Scaling Configurations

This documentation explains Scaling Configurations within the Hostless provider application. Scaling Configurations define how your application automatically scales its resources based on demand within the Hostless environment. This allows your application to handle fluctuating workloads efficiently by dynamically adjusting the number of application instances and their resource allocation.
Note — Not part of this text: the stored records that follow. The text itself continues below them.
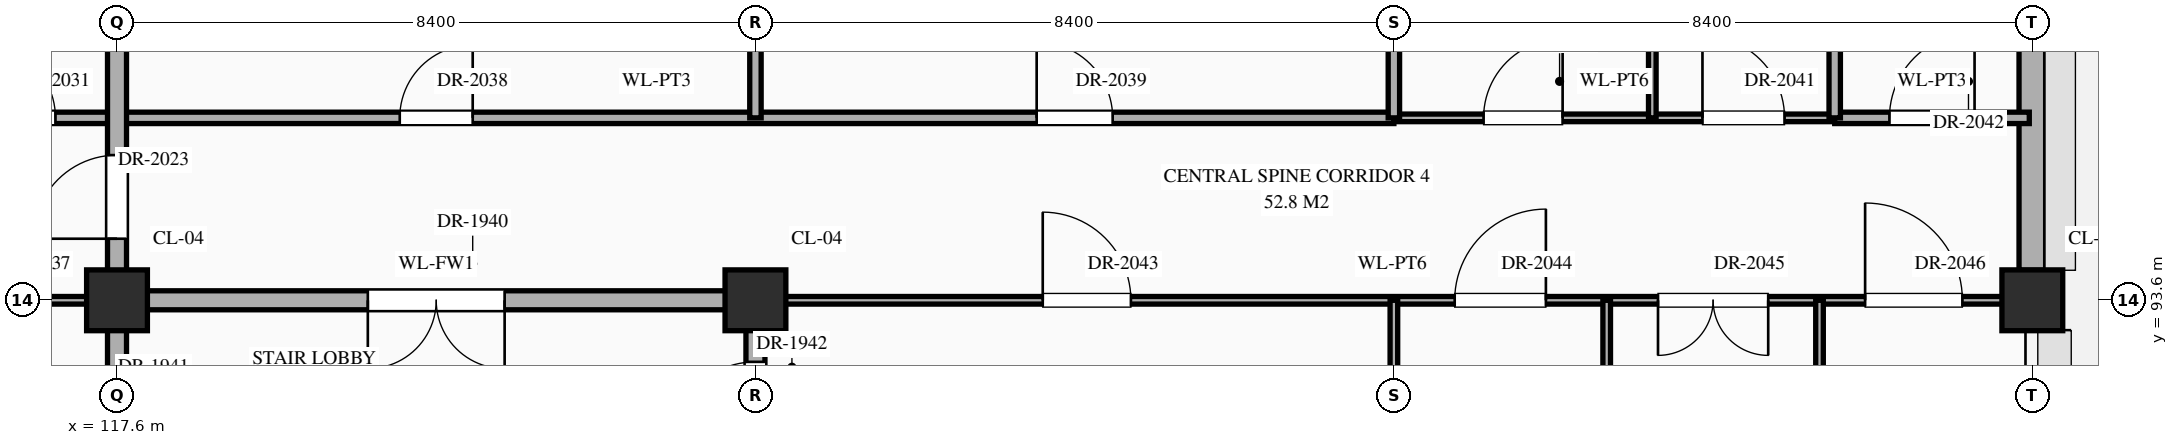
"""IFC4 building model, lengths in metres.
Left out: names, types, materials, properties, quantities, classifications, styles, units other than length and angle.
Written with IfcOpenShell. Run it as: python <this file> out.ifc"""

import sys

from ifc_helpers import new_model, si_unit, direction, frame, frame_2d, origin, origin_2d, place, context, subcontext, project, spatial, rectangle, extrude, element, fill, save


model = new_model("IFC4")
c1 = context("Model", 3, precision=1e-05, world=origin(), true_north=direction((0.0, 1.0)))
c2 = subcontext(c1, "Body", "Model", "MODEL_VIEW")
j1 = project(units=[si_unit("LENGTHUNIT", "METRE"), si_unit("PLANEANGLEUNIT", "RADIAN")], contexts=[c1])
p1 = place(None, origin())
s1 = spatial("IfcSite", under=j1, at=p1, CompositionType="ELEMENT")
p2 = place(p1, origin())
s2 = spatial("IfcBuilding", under=s1, at=p2, CompositionType="ELEMENT")
p3 = place(p2, frame((0.0, 0.0, 21.6)))
s3 = spatial("IfcBuildingStorey", under=s2, at=p3, CompositionType="ELEMENT", Elevation=21.6)
for number, where, z_axis, x_axis in (
    (1, (117.6, 93.6, 0.0), (0.0, 0.0, 1.0), (1.0, 0.0, 0.0)),
    (2, (126.0, 93.6, 0.0), (0.0, 0.0, 1.0), (1.0, 0.0, 0.0)),
    (3, (142.8, 93.6, 0.0), (0.0, 0.0, 1.0), (1.0, 0.0, 0.0)),
):
    element("IfcColumn", number, at=place(p3, frame(where, z_axis=z_axis, x_axis=x_axis)), inside=s3, PredefinedType="COLUMN", context=c2, shape_type="SweptSolid", body=[
        extrude(rectangle(XDim=0.8, YDim=0.8, at=origin_2d()), origin(), (0.0, 0.0, 1.0), 4.5),
    ])
p4 = place(p3, frame((142.8, 93.995, 0.0), z_axis=(0.0, 0.0, 1.0), x_axis=(0.0, 1.0, 0.0)))
e4 = element("IfcWall", 4, at=p4, inside=s3, PredefinedType="STANDARD", context=c2, shape_type="SweptSolid", body=[
    extrude(rectangle(XDim=6.41, YDim=0.35, at=frame_2d((3.205, 0.0))), origin(), (0.0, 0.0, 1.0), 3.59),
])
p5 = place(p4, frame((3.73, 0.0, 0.85)))
e5 = element("IfcOpeningElement", 5, at=p5, cuts=e4, PredefinedType="OPENING", context=c2, shape_type="SweptSolid", body=[
    extrude(rectangle(XDim=1.55, YDim=1.38, at=frame_2d((0.775, 0.69))), frame((0.0, 0.187, 0.0), z_axis=(0.0, -1.0, 0.0), x_axis=(1.0, 0.0, 0.0)), (0.0, 0.0, 1.0), 0.374),
])
p6 = place(p3, frame((109.2, 93.6, 0.0), z_axis=(0.0, 0.0, 1.0), x_axis=(1.0, 0.0, 0.0)))
e6 = element("IfcWall", 6, at=p6, inside=s3, PredefinedType="STANDARD", context=c2, shape_type="SweptSolid", body=[
    extrude(rectangle(XDim=8.4, YDim=0.1, at=frame_2d((4.2, 0.0))), origin(), (0.0, 0.0, 1.0), 3.39),
])
p7 = place(p6, frame((1.11, 0.0, 0.0)))
e7 = element("IfcOpeningElement", 7, at=p7, cuts=e6, PredefinedType="OPENING", context=c2, shape_type="SweptSolid", body=[
    extrude(rectangle(XDim=0.9, YDim=2.15, at=frame_2d((0.45, 1.075))), frame((0.0, 0.062, 0.0), z_axis=(0.0, -1.0, 0.0), x_axis=(1.0, 0.0, 0.0)), (0.0, 0.0, 1.0), 0.124),
])
p8 = place(p6, frame((3.77, 0.0, 0.0)))
e8 = element("IfcOpeningElement", 8, at=p8, cuts=e6, PredefinedType="OPENING", context=c2, shape_type="SweptSolid", body=[
    extrude(rectangle(XDim=0.86, YDim=2.1, at=frame_2d((0.43, 1.05))), frame((0.0, 0.062, 0.0), z_axis=(0.0, -1.0, 0.0), x_axis=(1.0, 0.0, 0.0)), (0.0, 0.0, 1.0), 0.124),
])
p9 = place(p6, frame((6.38, 0.0, 0.0)))
e9 = element("IfcOpeningElement", 9, at=p9, cuts=e6, PredefinedType="OPENING", context=c2, shape_type="SweptSolid", body=[
    extrude(rectangle(XDim=0.92, YDim=2.15, at=frame_2d((0.46, 1.075))), frame((0.0, 0.062, 0.0), z_axis=(0.0, -1.0, 0.0), x_axis=(1.0, 0.0, 0.0)), (0.0, 0.0, 1.0), 0.124),
])
p10 = place(p3, frame((117.6, 93.6, 0.0), z_axis=(0.0, 0.0, 1.0), x_axis=(1.0, 0.0, 0.0)))
e10 = element("IfcWall", 10, at=p10, inside=s3, PredefinedType="STANDARD", context=c2, shape_type="SweptSolid", body=[
    extrude(rectangle(XDim=8.4, YDim=0.25, at=frame_2d((4.2, 0.0))), origin(), (0.0, 0.0, 1.0), 3.39),
])
p11 = place(p10, frame((3.3, 0.0, 0.0)))
e11 = element("IfcOpeningElement", 11, at=p11, cuts=e10, PredefinedType="OPENING", context=c2, shape_type="SweptSolid", body=[
    extrude(rectangle(XDim=1.8, YDim=2.35, at=frame_2d((0.9, 1.175))), frame((0.0, 0.137, 0.0), z_axis=(0.0, -1.0, 0.0), x_axis=(1.0, 0.0, 0.0)), (0.0, 0.0, 1.0), 0.274),
])
p12 = place(p3, frame((126.0, 93.6, 0.0), z_axis=(0.0, 0.0, 1.0), x_axis=(1.0, 0.0, 0.0)))
e12 = element("IfcWall", 12, at=p12, inside=s3, PredefinedType="STANDARD", context=c2, shape_type="SweptSolid", body=[
    extrude(rectangle(XDim=16.76, YDim=0.1, at=frame_2d((8.38, 0.0))), origin(), (0.0, 0.0, 1.0), 3.19),
])
p13 = place(p12, frame((3.78, 0.0, 0.0)))
e13 = element("IfcOpeningElement", 13, at=p13, cuts=e12, PredefinedType="OPENING", context=c2, shape_type="SweptSolid", body=[
    extrude(rectangle(XDim=1.16, YDim=2.3, at=frame_2d((0.58, 1.15))), frame((0.0, 0.062, 0.0), z_axis=(0.0, -1.0, 0.0), x_axis=(1.0, 0.0, 0.0)), (0.0, 0.0, 1.0), 0.124),
])
p14 = place(p12, frame((9.2, 0.0, 0.0)))
e14 = element("IfcOpeningElement", 14, at=p14, cuts=e12, PredefinedType="OPENING", context=c2, shape_type="SweptSolid", body=[
    extrude(rectangle(XDim=1.2, YDim=2.35, at=frame_2d((0.6, 1.175))), frame((0.0, 0.062, 0.0), z_axis=(0.0, -1.0, 0.0), x_axis=(1.0, 0.0, 0.0)), (0.0, 0.0, 1.0), 0.124),
])
p15 = place(p12, frame((11.875, 0.0, 0.0)))
e15 = element("IfcOpeningElement", 15, at=p15, cuts=e12, PredefinedType="OPENING", context=c2, shape_type="SweptSolid", body=[
    extrude(rectangle(XDim=1.45, YDim=2.3, at=frame_2d((0.725, 1.15))), frame((0.0, 0.062, 0.0), z_axis=(0.0, -1.0, 0.0), x_axis=(1.0, 0.0, 0.0)), (0.0, 0.0, 1.0), 0.124),
])
p16 = place(p12, frame((14.6, 0.0, 0.0)))
e16 = element("IfcOpeningElement", 16, at=p16, cuts=e12, PredefinedType="OPENING", context=c2, shape_type="SweptSolid", body=[
    extrude(rectangle(XDim=1.28, YDim=2.35, at=frame_2d((0.64, 1.175))), frame((0.0, 0.062, 0.0), z_axis=(0.0, -1.0, 0.0), x_axis=(1.0, 0.0, 0.0)), (0.0, 0.0, 1.0), 0.124),
])
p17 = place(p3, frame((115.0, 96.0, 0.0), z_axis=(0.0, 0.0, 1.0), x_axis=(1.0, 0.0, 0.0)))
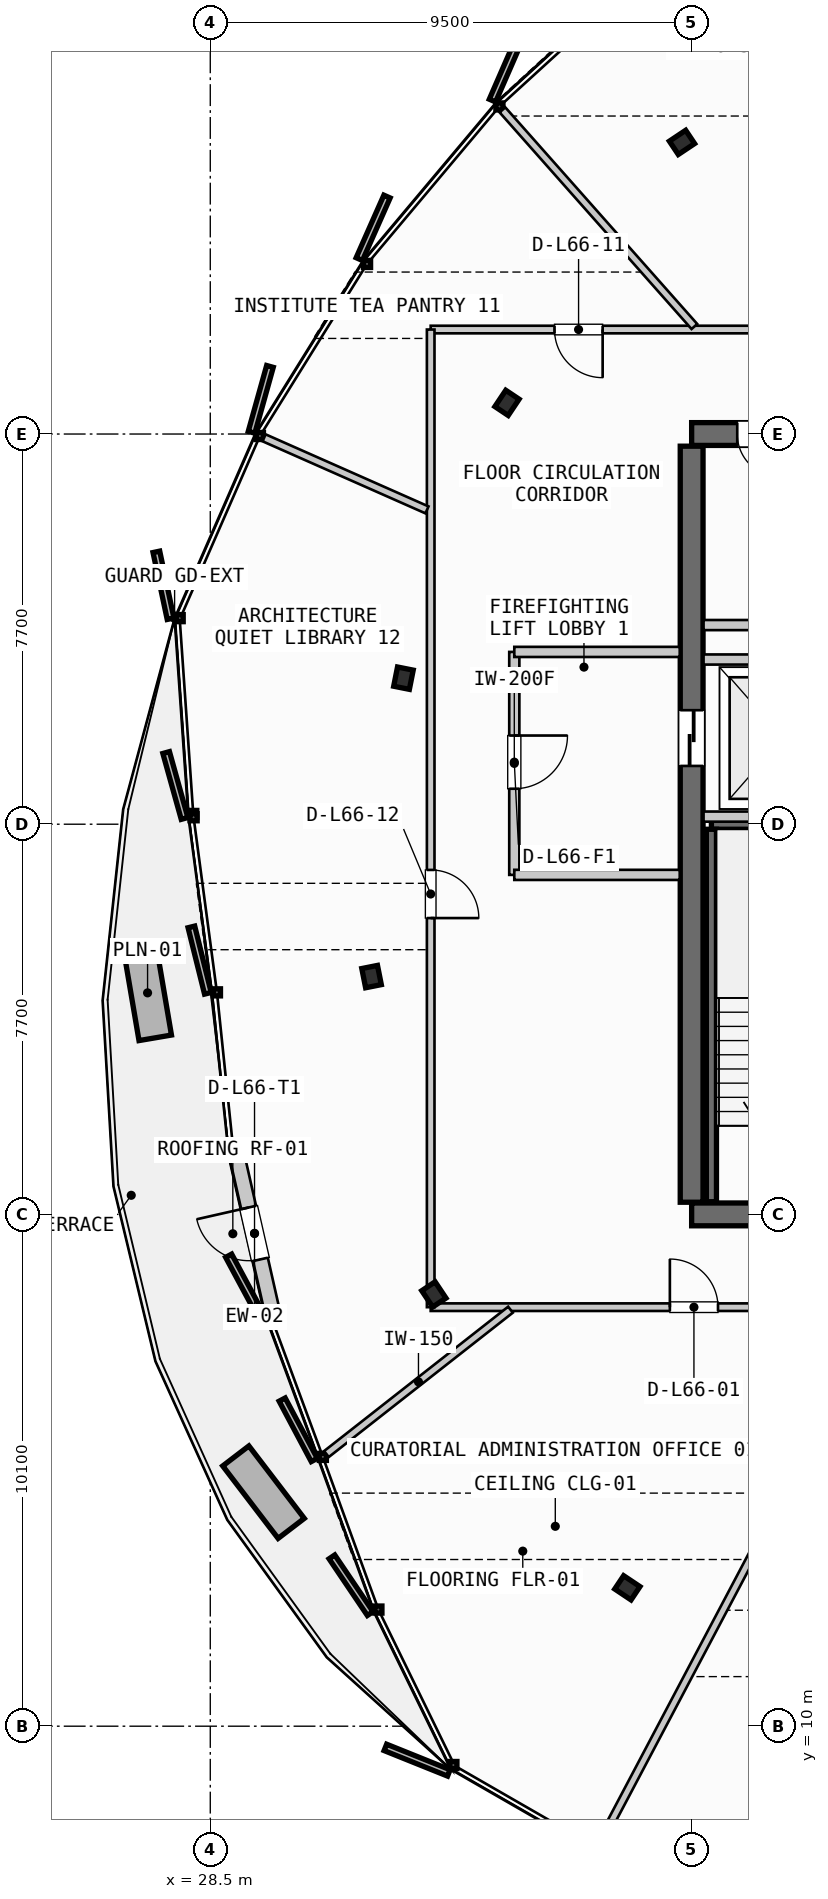
"""IFC4 building model, lengths in metres.
Left out: names, types, materials, properties, quantities, classifications, styles, units other than length and angle.
Written with IfcOpenShell. Run it as: python <this file> out.ifc"""

import sys

from ifc_helpers import new_model, si_unit, direction, frame, frame_2d, origin, origin_2d, place, context, subcontext, project, spatial, rectangle, i_section, extrude, source, transform, mapped, element, fill, save


model = new_model("IFC4")
c1 = context("Model", 3, precision=1e-05, world=origin(), true_north=direction((0.0, 1.0)))
c2 = subcontext(c1, "Body", "Model", "MODEL_VIEW")
j1 = project(units=[si_unit("LENGTHUNIT", "METRE"), si_unit("PLANEANGLEUNIT", "RADIAN")], contexts=[c1])
p1 = place(None, origin())
s1 = spatial("IfcSite", under=j1, at=p1, CompositionType="ELEMENT")
p2 = place(p1, origin())
s2 = spatial("IfcBuilding", under=s1, at=p2, CompositionType="ELEMENT")
p3 = place(p2, frame((0.0, 0.0, 252.55)))
s3 = spatial("IfcBuildingStorey", under=s2, at=p3, CompositionType="ELEMENT", Elevation=252.55)
p4 = place(p3, frame((38.0, 20.1, 0.0), z_axis=(0.0, 0.0, 1.0), x_axis=(1.0, 0.0, 0.0)))
e1 = element("IfcWall", 1, at=p4, inside=s3, PredefinedType="SHEAR", context=c2, shape_type="SweptSolid", body=[
    extrude(rectangle(XDim=17.6, YDim=0.45, at=frame_2d((8.8, 0.0))), origin(), (0.0, 0.0, 1.0), 3.21),
])
p5 = place(p4, frame((1.4, 0.0, 0.0)))
e2 = element("IfcOpeningElement", 2, at=p5, cuts=e1, PredefinedType="OPENING", context=c2, shape_type="SweptSolid", body=[
    extrude(rectangle(XDim=1.05, YDim=2.15, at=frame_2d((0.525, 1.075))), frame((0.0, 0.235, 0.0), z_axis=(0.0, -1.0, 0.0), x_axis=(1.0, 0.0, 0.0)), (0.0, 0.0, 1.0), 0.47),
])
p6 = place(p4, frame((15.15, 0.0, 0.0)))
e3 = element("IfcOpeningElement", 3, at=p6, cuts=e1, PredefinedType="OPENING", context=c2, shape_type="SweptSolid", body=[
    extrude(rectangle(XDim=1.05, YDim=2.15, at=frame_2d((0.525, 1.075))), frame((0.0, 0.235, 0.0), z_axis=(0.0, -1.0, 0.0), x_axis=(1.0, 0.0, 0.0)), (0.0, 0.0, 1.0), 0.47),
])
p7 = place(p4, frame((5.25, 0.0, 0.0)))
e4 = element("IfcOpeningElement", 4, at=p7, cuts=e1, PredefinedType="OPENING", context=c2, shape_type="SweptSolid", body=[
    extrude(rectangle(XDim=0.95, YDim=2.15, at=frame_2d((0.475, 1.075))), frame((0.0, 0.235, 0.0), z_axis=(0.0, -1.0, 0.0), x_axis=(1.0, 0.0, 0.0)), (0.0, 0.0, 1.0), 0.47),
])
p8 = place(p4, frame((11.4, 0.0, 0.0)))
e5 = element("IfcOpeningElement", 5, at=p8, cuts=e1, PredefinedType="OPENING", context=c2, shape_type="SweptSolid", body=[
    extrude(rectangle(XDim=0.95, YDim=2.15, at=frame_2d((0.475, 1.075))), frame((0.0, 0.235, 0.0), z_axis=(0.0, -1.0, 0.0), x_axis=(1.0, 0.0, 0.0)), (0.0, 0.0, 1.0), 0.47),
])
p9 = place(p3, frame((55.6, 35.5, 0.0), z_axis=(0.0, 0.0, 1.0), x_axis=(-1.0, 0.0, 0.0)))
e6 = element("IfcWall", 6, at=p9, inside=s3, PredefinedType="SHEAR", context=c2, shape_type="SweptSolid", body=[
    extrude(rectangle(XDim=17.6, YDim=0.45, at=frame_2d((8.8, 0.0))), origin(), (0.0, 0.0, 1.0), 3.21),
])
p10 = place(p9, frame((8.05, 0.0, 0.0)))
e7 = element("IfcOpeningElement", 7, at=p10, cuts=e6, PredefinedType="OPENING", context=c2, shape_type="SweptSolid", body=[
    extrude(rectangle(XDim=1.5, YDim=2.2, at=frame_2d((0.75, 1.1))), frame((0.0, 0.235, 0.0), z_axis=(0.0, -1.0, 0.0), x_axis=(1.0, 0.0, 0.0)), (0.0, 0.0, 1.0), 0.47),
])
p11 = place(p9, frame((15.85, 0.0, 0.0)))
e8 = element("IfcOpeningElement", 8, at=p11, cuts=e6, PredefinedType="OPENING", context=c2, shape_type="SweptSolid", body=[
    extrude(rectangle(XDim=0.85, YDim=2.15, at=frame_2d((0.425, 1.075))), frame((0.0, 0.235, 0.0), z_axis=(0.0, -1.0, 0.0), x_axis=(1.0, 0.0, 0.0)), (0.0, 0.0, 1.0), 0.47),
])
p12 = place(p9, frame((14.35, 0.0, 0.0)))
e9 = element("IfcOpeningElement", 9, at=p12, cuts=e6, PredefinedType="OPENING", context=c2, shape_type="SweptSolid", body=[
    extrude(rectangle(XDim=0.85, YDim=2.15, at=frame_2d((0.425, 1.075))), frame((0.0, 0.235, 0.0), z_axis=(0.0, -1.0, 0.0), x_axis=(1.0, 0.0, 0.0)), (0.0, 0.0, 1.0), 0.47),
])
p13 = place(p9, frame((12.3, 0.0, 0.0)))
e10 = element("IfcOpeningElement", 10, at=p13, cuts=e6, PredefinedType="OPENING", context=c2, shape_type="SweptSolid", body=[
    extrude(rectangle(XDim=0.95, YDim=2.15, at=frame_2d((0.475, 1.075))), frame((0.0, 0.235, 0.0), z_axis=(0.0, -1.0, 0.0), x_axis=(1.0, 0.0, 0.0)), (0.0, 0.0, 1.0), 0.47),
])
p14 = place(p9, frame((10.2, 0.0, 0.0)))
e11 = element("IfcOpeningElement", 11, at=p14, cuts=e6, PredefinedType="OPENING", context=c2, shape_type="SweptSolid", body=[
    extrude(rectangle(XDim=0.9, YDim=2.15, at=frame_2d((0.45, 1.075))), frame((0.0, 0.235, 0.0), z_axis=(0.0, -1.0, 0.0), x_axis=(1.0, 0.0, 0.0)), (0.0, 0.0, 1.0), 0.47),
])
p15 = place(p3, frame((38.0, 35.26, 0.0), z_axis=(0.0, 0.0, 1.0), x_axis=(0.0, -1.0, 0.0)))
e12 = element("IfcWall", 12, at=p15, inside=s3, PredefinedType="SHEAR", context=c2, shape_type="SweptSolid", body=[
    extrude(rectangle(XDim=14.92, YDim=0.45, at=frame_2d((7.46, 0.0))), origin(), (0.0, 0.0, 1.0), 3.21),
])
p16 = place(p15, frame((5.21, 0.0, 0.0)))
e13 = element("IfcOpeningElement", 13, at=p16, cuts=e12, PredefinedType="OPENING", context=c2, shape_type="SweptSolid", body=[
    extrude(rectangle(XDim=1.1, YDim=2.2, at=frame_2d((0.55, 1.1))), frame((0.0, 0.235, 0.0), z_axis=(0.0, -1.0, 0.0), x_axis=(1.0, 0.0, 0.0)), (0.0, 0.0, 1.0), 0.47),
])
m1 = source(origin(), c2, "Body", "SweptSolid", [
    extrude(i_section(OverallWidth=0.387, OverallDepth=0.316, WebThickness=0.019, FlangeThickness=0.028, FilletRadius=0.015, at=origin_2d()), origin(), (0.0, 0.0, 1.0), 3.21),
])
for number, where, z_axis, x_axis in (
    (14, (37.81, 41.255, 0.0), (0.0, 0.0, 1.0), (-0.556, 0.831, 0.0)),
    (15, (34.356, 36.115, 0.0), (0.0, 0.0, 1.0), (-0.831, 0.556, 0.0)),
    (16, (32.312, 30.682, 0.0), (0.0, 0.0, 1.0), (-0.981, 0.195, 0.0)),
    (17, (31.683, 24.793, 0.0), (0.0, 0.0, 1.0), (-0.981, -0.195, 0.0)),
    (18, (32.913, 18.521, 0.0), (0.0, 0.0, 1.0), (-0.831, -0.556, 0.0)),
    (19, (36.731, 12.731, 0.0), (0.0, 0.0, 1.0), (-0.556, -0.831, 0.0)),
):
    element("IfcColumn", number, at=place(p3, frame(where, z_axis=z_axis, x_axis=x_axis)), inside=s3, PredefinedType="COLUMN", context=c2, shape_type="MappedRepresentation", body=[
        mapped(m1, transform((0.0, 0.0, 0.0), scale=1.0)),
    ])
p17 = place(p3, frame((29.721, 18.192, 0.0), z_axis=(0.0, 0.0, 1.0), x_axis=(-0.221248249318, 0.97521752044, 0.0)))
e20 = element("IfcWall", 20, at=p17, inside=s3, PredefinedType="SOLIDWALL", context=c2, shape_type="SweptSolid", body=[
    extrude(rectangle(XDim=3.142, YDim=0.3, at=frame_2d((1.571, 0.0))), origin(), (0.0, 0.0, 1.0), 2.735),
])
p18 = place(p17, frame((1.046, 0.0, 0.0)))
e21 = element("IfcOpeningElement", 21, at=p18, cuts=e20, PredefinedType="OPENING", context=c2, shape_type="SweptSolid", body=[
    extrude(rectangle(XDim=1.05, YDim=2.2, at=frame_2d((0.525, 1.1))), frame((0.0, 0.16, 0.0), z_axis=(0.0, -1.0, 0.0), x_axis=(1.0, 0.0, 0.0)), (0.0, 0.0, 1.0), 0.32),
])
p19 = place(p3, frame((38.39, 27.8, 0.0), z_axis=(0.0, 0.0, 1.0), x_axis=(1.0, 0.0, 0.0)))
e22 = element("IfcWall", 22, at=p19, inside=s3, PredefinedType="SHEAR", context=c2, shape_type="SweptSolid", body=[
    extrude(rectangle(XDim=3.06, YDim=0.2, at=frame_2d((1.53, 0.0))), origin(), (0.0, 0.0, 1.0), 3.21),
])
p20 = place(p3, frame((38.39, 20.35, 0.0), z_axis=(0.0, 0.0, 1.0), x_axis=(0.0, 1.0, 0.0)))
e23 = element("IfcWall", 23, at=p20, inside=s3, PredefinedType="SHEAR", context=c2, shape_type="SweptSolid", body=[
    extrude(rectangle(XDim=7.35, YDim=0.2, at=frame_2d((3.675, 0.0))), origin(), (0.0, 0.0, 1.0), 3.21),
])
for number, where, z_axis, x_axis in (
    (24, (38.235, 27.95, 0.0), (0.0, 0.0, 1.0), (1.0, 0.0, 0.0)),
    (25, (38.235, 31.05, 0.0), (0.0, 0.0, 1.0), (1.0, 0.0, 0.0)),
):
    element("IfcWall", number, at=place(p3, frame(where, z_axis=z_axis, x_axis=x_axis)), inside=s3, PredefinedType="PARTITIONING", context=c2, shape_type="SweptSolid", body=[
        extrude(rectangle(XDim=2.915, YDim=0.2, at=frame_2d((1.458, 0.0))), origin(), (0.0, 0.0, 1.0), 2.28),
    ])
p21 = place(p3, frame((34.5, 31.2, 0.0), z_axis=(0.0, 0.0, 1.0), x_axis=(0.0, -1.0, 0.0)))
e26 = element("IfcWall", 26, at=p21, inside=s3, PredefinedType="PARTITIONING", context=c2, shape_type="SweptSolid", body=[
    extrude(rectangle(XDim=4.4, YDim=0.2, at=frame_2d((2.2, 0.0))), origin(), (0.0, 0.0, 1.0), 2.28),
])
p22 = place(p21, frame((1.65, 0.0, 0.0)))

Why Use Scaling Configurations?

  • Automatic Scaling: Scaling configurations eliminate the need for manual intervention to adjust resources as your application's traffic or processing needs change.
  • Improved Performance: Automatic scaling ensures your application has sufficient resources to handle peak loads, preventing performance degradation due to resource constraints.
  • Cost Optimization: By scaling down resources during low-traffic periods, you can optimize your Hostless resource utilization and potentially reduce costs.
  • High Availability: Scaling configurations play a critical role in achieving High Availability (HA) for your application. HA minimizes downtime and ensures continuous operation by automatically scaling in response to failures or increased demand.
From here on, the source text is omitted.